What di you think? I'll post a separate challenge post and would give up the first.    I'm on the forum , most always at least once a day. Is this tactless.chest beating/waste of time or not? I hope I don't regret this idea.


----------



## sawsman (Sep 13, 2007)

The Fishing Section on UWN is a popular place, second in topics and posts to only the Big Game Section. It is what it is.. it may be slow right now, but it's not really that big of a deal. Some choose to post on every trip and some dont. No big deal.

I wont compare this place to any other site. Again, it is what it is and I like it. Every site is different. I miss the reports that some used to post but I dont lose any sleep over it.

Just relax Leaky and go fishing.  Sometimes we worry about posting or seeing reports more than actually getting out and doing what we all come here to discuss. Fishing.

UWN has more of a diverse group of members. More so than other sites. Some read and post only in the hunting sections, etc. That's why I like the UWN. To each their own and just someting to consider.


----------



## Leaky (Sep 11, 2007)

sawsman.
Maybe you're right, and might be the bottom line, especially for me. Might be the best post of all. Thanks bud!  I'll consider it! After all, Why stir something up that's just not warranted???


----------



## sawsman (Sep 13, 2007)

Leaky said:


> sawsman.
> Maybe you're right, and might be the bottom line, especially for me. Might be the best post of all. Thanks bud!  I'll consider it! After all, Why stir something up that's just not warranted???


I hope you have a great year Leaky. I wish you many fish in your net. Be safe out there and have fun!

P.S. make sure you post up those reports. :mrgreen:


----------



## Leaky (Sep 11, 2007)

sawsman,
Ill do that right now. See my next post.


----------



## dank80 (Oct 31, 2007)

Leaky said:


> I guess since I'm the author, I should comment about now. !) pleasantly surprised with the response, thank you much.  2) Hopefully the mods. saw some constructive comments for the future. 3) Didn't read/digest ea. response as much I maybe should have, but,---------------------IMO, for what it's worth, (probably not much):
> The majority of posts give the reason as being weather. Ok, no argument, but bear in mind that that same weather exists for F****Tackle and they still far surpass us. I simply don't like it
> Then we get into treatment of individual posters, some old head and their quitting and others. IMO, again, not justified and these individual should show some maturity and recognize that we value their input and should come back to help the viewers and entertain us even though their feelings might have been hurt.  Come on guys, be men!! Accusations of lack of maturity and not meeting posting standards have merit, but, ----------------, maybe there is some truth??? I do admit that the other forum seems to have lower standards, but ya know, that's a poor, poor, excuse. If we have lost a lot of members because of this, well, maybe we should chill a bit more on banding this and allow a little more freedom as long as it doesn't go *way* over board. Actually some of it provides constructive comments and might even be entertaining. I know, very subjective but, --------Is there room for a little adjustment of attitude on both sides
> Forum mods. treatment to new-bees, and others as far as "glad handing" welcoming, etc. ----baloney. Don't lay that on the mods. I don't see it!
> ...


Leaky, you ask why people don't post more reports.....You then get several honest responses as to why some people don't post more.... Then you criticize their reasons for not posting more. Oh the irony.


----------



## Catherder (Aug 2, 2008)

Dank80, whether you post tons of reports or not, just promise not to change your avatar. I never tire of looking at that huge buck!


----------



## Petersen (Sep 7, 2007)

I've read all the posts in this thread, and it's been interesting. Thanks for starting it Leaky.

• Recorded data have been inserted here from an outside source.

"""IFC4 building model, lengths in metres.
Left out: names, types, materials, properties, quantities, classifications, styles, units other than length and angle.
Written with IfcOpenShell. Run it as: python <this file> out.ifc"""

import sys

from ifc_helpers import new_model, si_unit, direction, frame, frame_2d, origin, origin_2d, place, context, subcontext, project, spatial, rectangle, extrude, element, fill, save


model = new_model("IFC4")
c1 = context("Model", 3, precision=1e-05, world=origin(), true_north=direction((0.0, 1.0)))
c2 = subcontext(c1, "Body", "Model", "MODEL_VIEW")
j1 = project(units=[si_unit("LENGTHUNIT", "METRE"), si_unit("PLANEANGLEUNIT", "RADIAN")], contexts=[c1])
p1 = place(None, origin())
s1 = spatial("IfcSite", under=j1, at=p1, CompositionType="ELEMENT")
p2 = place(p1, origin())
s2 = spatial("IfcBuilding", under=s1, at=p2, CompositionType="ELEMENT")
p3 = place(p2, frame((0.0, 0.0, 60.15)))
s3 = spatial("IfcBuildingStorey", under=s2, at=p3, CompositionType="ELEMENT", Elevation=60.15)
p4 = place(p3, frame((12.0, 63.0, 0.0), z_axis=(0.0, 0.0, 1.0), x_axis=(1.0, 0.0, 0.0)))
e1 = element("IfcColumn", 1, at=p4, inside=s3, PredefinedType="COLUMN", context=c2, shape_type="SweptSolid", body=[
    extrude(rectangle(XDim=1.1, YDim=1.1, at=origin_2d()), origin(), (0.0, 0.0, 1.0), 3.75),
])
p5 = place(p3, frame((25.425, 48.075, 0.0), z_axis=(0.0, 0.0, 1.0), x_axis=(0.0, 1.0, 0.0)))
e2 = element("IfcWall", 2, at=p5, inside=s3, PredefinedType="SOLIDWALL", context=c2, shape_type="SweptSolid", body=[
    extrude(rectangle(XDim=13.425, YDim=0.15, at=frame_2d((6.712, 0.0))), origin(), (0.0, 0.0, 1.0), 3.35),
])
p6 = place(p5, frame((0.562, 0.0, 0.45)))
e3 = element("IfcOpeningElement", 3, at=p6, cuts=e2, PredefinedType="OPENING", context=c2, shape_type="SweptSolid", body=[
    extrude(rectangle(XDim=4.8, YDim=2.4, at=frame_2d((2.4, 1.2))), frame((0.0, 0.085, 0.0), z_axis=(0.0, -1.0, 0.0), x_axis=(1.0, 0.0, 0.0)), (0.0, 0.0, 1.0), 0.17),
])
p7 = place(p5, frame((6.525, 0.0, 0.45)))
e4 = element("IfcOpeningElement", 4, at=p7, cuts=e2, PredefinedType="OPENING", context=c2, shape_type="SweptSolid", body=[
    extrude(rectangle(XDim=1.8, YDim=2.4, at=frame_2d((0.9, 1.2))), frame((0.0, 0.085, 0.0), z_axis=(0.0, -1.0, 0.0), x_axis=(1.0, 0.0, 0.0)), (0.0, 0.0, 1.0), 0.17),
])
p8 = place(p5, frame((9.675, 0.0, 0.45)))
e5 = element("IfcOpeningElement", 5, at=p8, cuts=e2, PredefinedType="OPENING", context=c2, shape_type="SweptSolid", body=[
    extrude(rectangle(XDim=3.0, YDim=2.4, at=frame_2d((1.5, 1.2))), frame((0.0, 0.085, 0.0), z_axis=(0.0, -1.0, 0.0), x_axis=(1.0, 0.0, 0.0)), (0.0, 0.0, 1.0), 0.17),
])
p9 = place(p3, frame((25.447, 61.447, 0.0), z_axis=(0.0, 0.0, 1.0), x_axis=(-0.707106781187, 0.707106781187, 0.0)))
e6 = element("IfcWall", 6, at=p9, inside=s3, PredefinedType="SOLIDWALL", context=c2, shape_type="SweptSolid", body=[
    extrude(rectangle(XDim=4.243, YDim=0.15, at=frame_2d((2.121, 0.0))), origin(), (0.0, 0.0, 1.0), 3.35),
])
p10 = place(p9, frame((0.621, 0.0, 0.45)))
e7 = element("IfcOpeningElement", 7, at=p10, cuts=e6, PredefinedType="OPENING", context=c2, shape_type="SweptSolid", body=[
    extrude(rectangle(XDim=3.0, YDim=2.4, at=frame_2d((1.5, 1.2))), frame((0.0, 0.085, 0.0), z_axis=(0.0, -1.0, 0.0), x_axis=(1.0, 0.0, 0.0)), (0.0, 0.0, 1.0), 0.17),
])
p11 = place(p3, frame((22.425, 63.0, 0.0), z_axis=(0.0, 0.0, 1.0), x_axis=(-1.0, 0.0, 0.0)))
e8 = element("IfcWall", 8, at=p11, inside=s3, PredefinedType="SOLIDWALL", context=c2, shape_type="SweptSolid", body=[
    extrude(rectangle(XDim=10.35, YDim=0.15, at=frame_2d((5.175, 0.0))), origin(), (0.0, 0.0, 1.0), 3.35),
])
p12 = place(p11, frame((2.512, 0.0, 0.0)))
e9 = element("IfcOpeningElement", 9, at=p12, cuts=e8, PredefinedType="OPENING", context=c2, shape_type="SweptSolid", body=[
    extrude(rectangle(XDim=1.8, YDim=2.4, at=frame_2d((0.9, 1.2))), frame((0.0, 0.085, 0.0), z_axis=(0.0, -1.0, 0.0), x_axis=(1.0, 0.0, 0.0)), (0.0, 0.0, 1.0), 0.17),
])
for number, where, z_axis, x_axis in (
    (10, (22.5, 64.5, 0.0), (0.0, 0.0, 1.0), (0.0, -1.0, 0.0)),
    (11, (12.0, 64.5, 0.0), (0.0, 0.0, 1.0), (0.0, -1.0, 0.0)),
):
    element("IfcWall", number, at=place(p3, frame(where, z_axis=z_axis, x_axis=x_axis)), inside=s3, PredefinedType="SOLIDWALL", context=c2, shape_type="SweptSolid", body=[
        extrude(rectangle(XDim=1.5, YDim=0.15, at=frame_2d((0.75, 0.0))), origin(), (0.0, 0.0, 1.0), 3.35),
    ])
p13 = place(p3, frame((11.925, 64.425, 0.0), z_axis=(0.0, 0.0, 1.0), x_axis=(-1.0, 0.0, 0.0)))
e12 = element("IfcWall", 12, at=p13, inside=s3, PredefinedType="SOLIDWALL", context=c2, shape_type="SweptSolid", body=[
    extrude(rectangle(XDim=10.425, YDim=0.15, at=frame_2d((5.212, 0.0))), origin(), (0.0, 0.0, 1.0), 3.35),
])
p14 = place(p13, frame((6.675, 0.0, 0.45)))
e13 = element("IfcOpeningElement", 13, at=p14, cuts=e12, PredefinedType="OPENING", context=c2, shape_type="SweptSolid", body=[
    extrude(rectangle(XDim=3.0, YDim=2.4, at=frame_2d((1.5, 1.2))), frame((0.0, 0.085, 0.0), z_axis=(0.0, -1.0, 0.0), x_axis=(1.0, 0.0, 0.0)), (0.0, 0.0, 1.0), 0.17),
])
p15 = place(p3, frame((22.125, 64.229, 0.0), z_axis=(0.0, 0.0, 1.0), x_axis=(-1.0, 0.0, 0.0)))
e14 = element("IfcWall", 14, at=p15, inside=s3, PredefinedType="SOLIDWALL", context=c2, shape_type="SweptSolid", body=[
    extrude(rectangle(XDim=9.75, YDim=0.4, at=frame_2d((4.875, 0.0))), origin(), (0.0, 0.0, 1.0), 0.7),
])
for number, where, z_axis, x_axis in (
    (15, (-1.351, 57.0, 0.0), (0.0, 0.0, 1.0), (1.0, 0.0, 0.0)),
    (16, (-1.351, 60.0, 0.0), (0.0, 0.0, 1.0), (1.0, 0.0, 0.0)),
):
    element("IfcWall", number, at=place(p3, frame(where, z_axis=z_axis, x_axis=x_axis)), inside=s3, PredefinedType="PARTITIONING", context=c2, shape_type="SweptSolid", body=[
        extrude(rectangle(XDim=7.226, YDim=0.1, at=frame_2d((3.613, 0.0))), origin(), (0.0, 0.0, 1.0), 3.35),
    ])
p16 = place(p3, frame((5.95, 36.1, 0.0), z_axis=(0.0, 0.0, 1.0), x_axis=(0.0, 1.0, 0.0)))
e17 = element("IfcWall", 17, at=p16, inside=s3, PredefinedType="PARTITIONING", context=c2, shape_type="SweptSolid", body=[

Let me respond to some of the main ideas and throw a few out of my own.

1. I've always wondered if UWN being a general wildlife and outdoors forum with both hunting and fishing sections keeps it from being taken as seriously by some as the forums that specialize more. As it is, this is a good-sized forum, but it's because it attracts a diverse crowd. There are fishing-specific forums that get more fishing traffic than we do, and there are hunting-specific forums that get more hunting traffic, but add up our total traffic and we're doing very well. I think that we fill a niche for the average Joe with wider outdoor interests than just, for example, fly fishing or mule deer hunting.

2. We have a very good group of moderators, but for various reasons, we've had more problems in the hunting parts of the site, so that's where their time ends up being spent. Grandpa D, in many ways, has been holding down the fort in the fishing forums. Maybe we need another moderator, like Grandpa D, who concentrates specifically on fishing. I'm thinking that this is probably something to seriously consider. Any thoughts on that from any of you?

3. Two or three longtime forum members were banned about a year ago, but it was due to some serious problems we were having with posts in the old Politics section of the forum. That forum deteriorated into a real mess that ended up attracting a few mentally unstable people who were making death threats against public officials and getting the forum blocked by corporate Internet filters. Correcting that problem meant doing away with the Politics forum, and that made quite a few otherwise good forum members angry and belligerent to the point that we finally told them to leave. The moderators and I have since done our best to avoid setting the stage for that kind of thing happening again.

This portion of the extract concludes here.